Turkey bacon can be cooked by pan-frying or deep-frying. Cured turkey bacon made from dark meat can be 90% fat free. It can be used in the same manner as bacon (such as in a BLT sandwich), but the low fat content of turkey bacon means that it does not shrink while being cooked and has a tendency to stick to the pan, thus making deep-frying a faster and more practical option.

== Nutritional value ==

Two strips (around 28 grams or 1 ounce) of Butterball-made turkey bacon contain 3 grams of fat and 50 calories (32% of which from fat); turkey bacon produced from Louis Rich and Mr. Turkey contain 5 and 4 grams of fat, respectively, per two slices. By comparison, two strips of standard (pork) bacon contain, on average, around 7 grams of fat.
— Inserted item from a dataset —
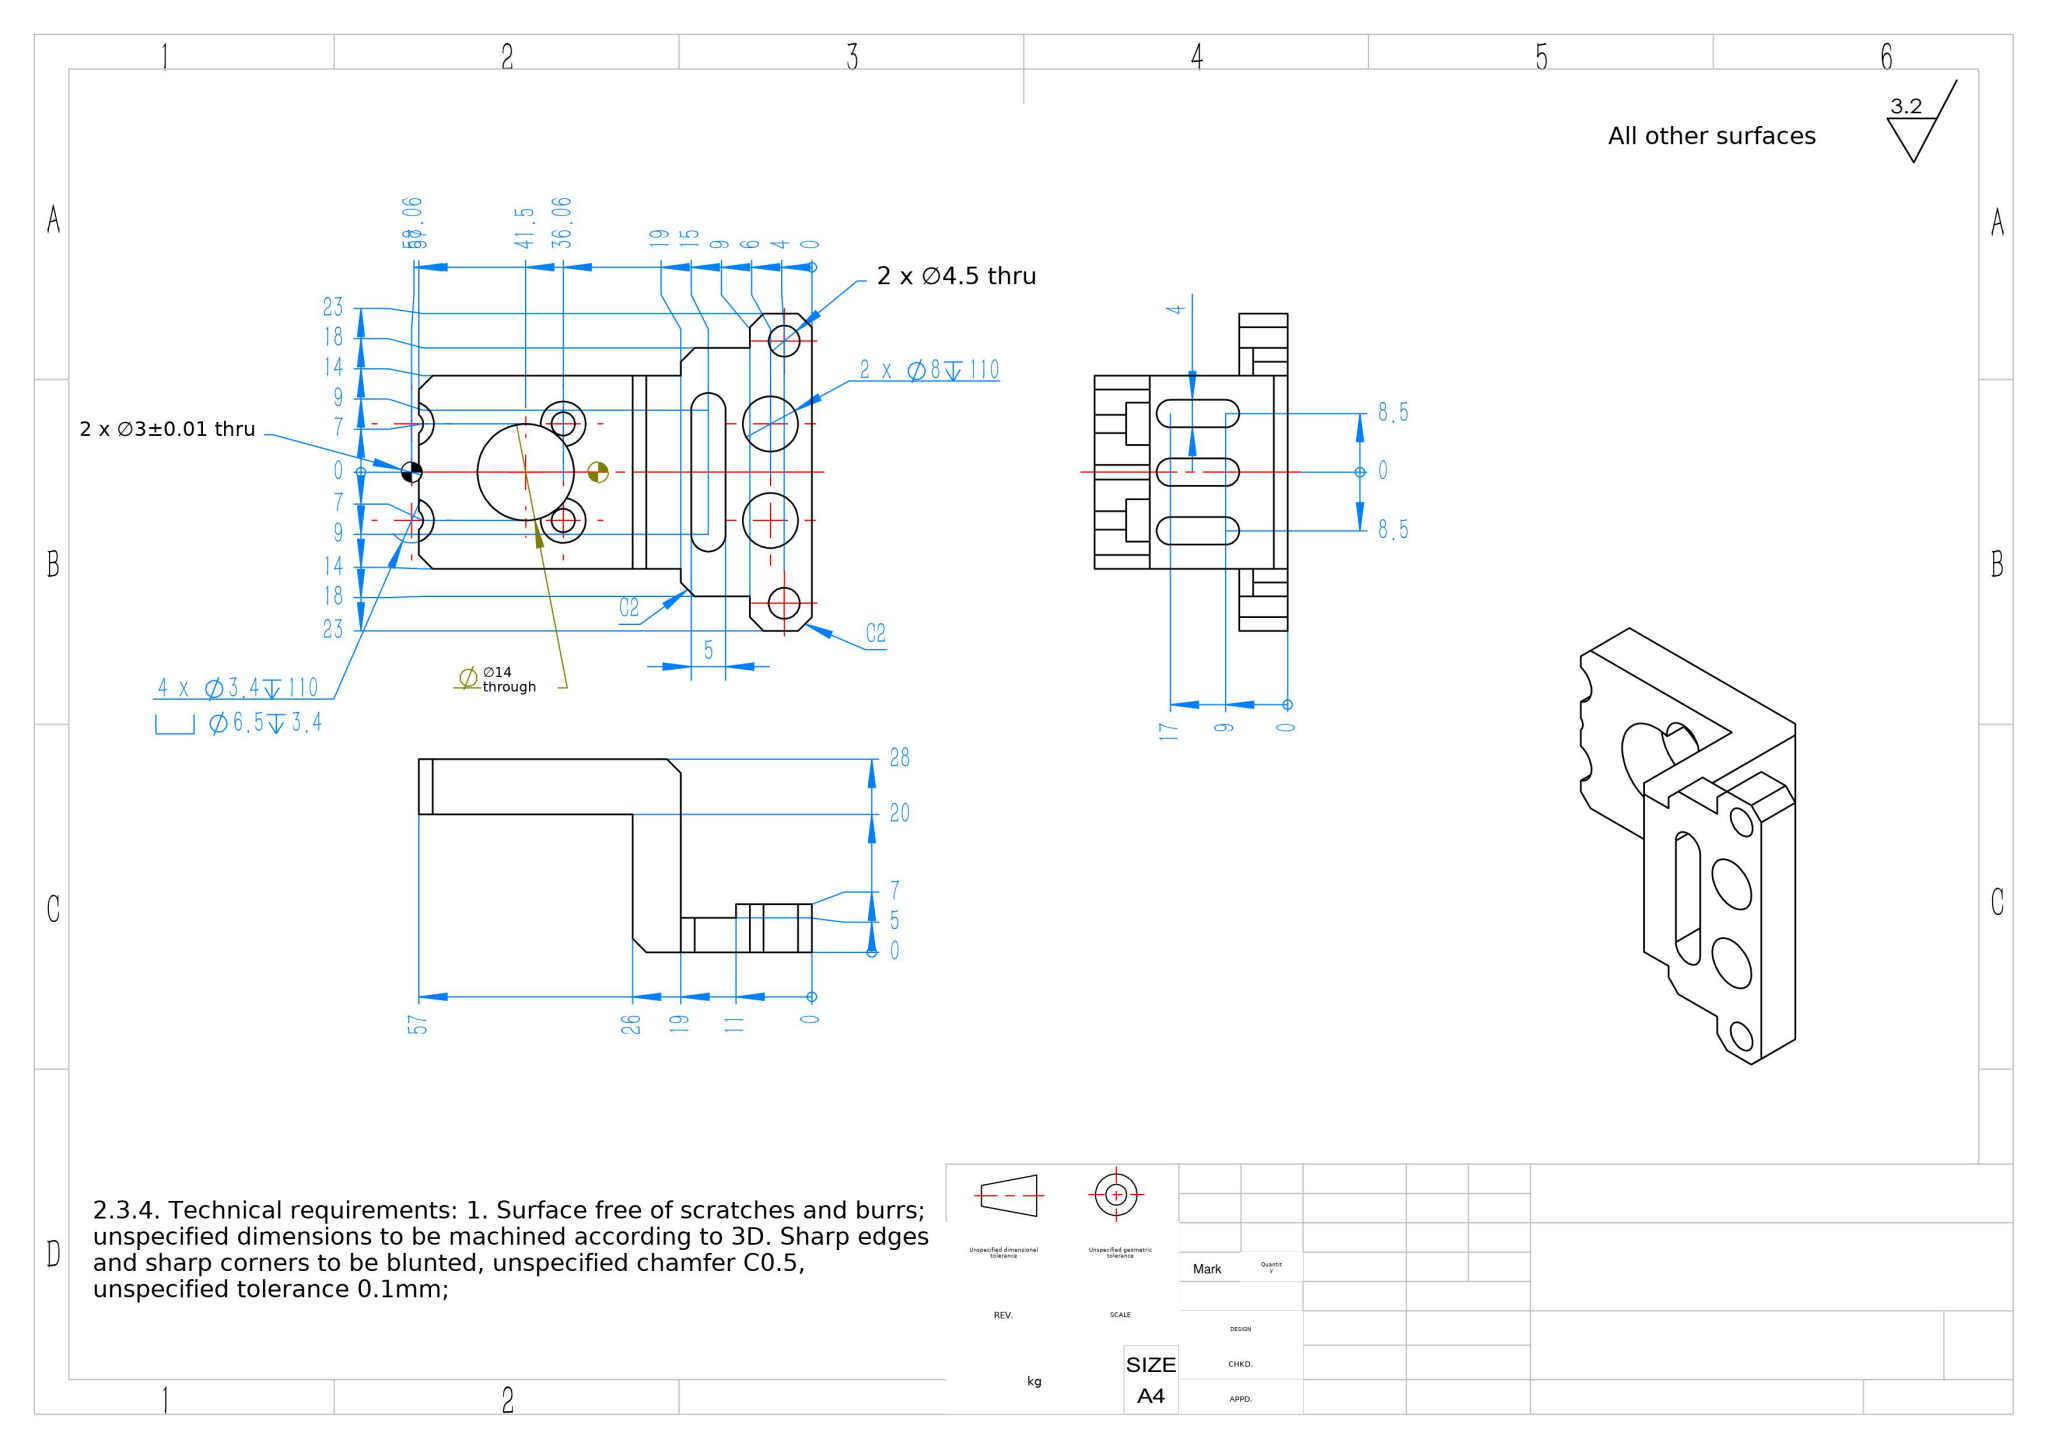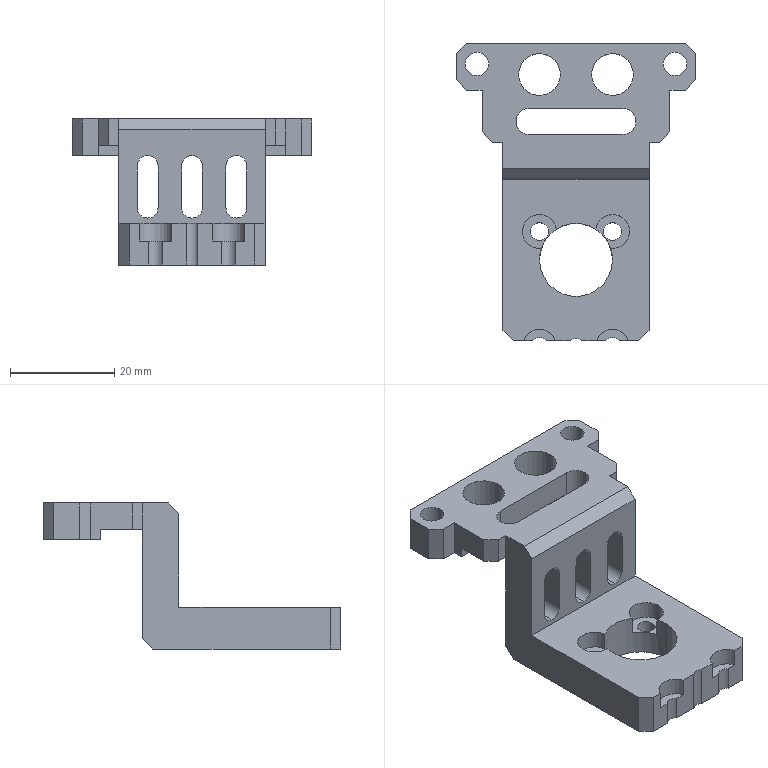Part | SolidWorks | mm | 1 solid | 79 faces | box 46 x 57 x 28 mm | volume 13050 mm3 | plane 45 | cylinder 34 | commonest cylinder face diameters 4 x9 3.4 x6 6.5 x5 8 x4 4.5 x4 5 x3 14 x2 3 x1

The American author Andrew F. Smith, in his 2006 book The Turkey: An American Story, notes that turkey products (including turkey bacon) contain, on average, twice as much sodium as the pork products that they replace.

==As an alternative to standard bacon==

=== Lower fat and calories ===
Turkey meat is lower in fat and calories than pork, but the lower fat content makes it unsuitable for cooking in some situations, such as grilling. As an alternative catering to a low-fat diet, turkey bacon became popular in the United States in the early 1990s.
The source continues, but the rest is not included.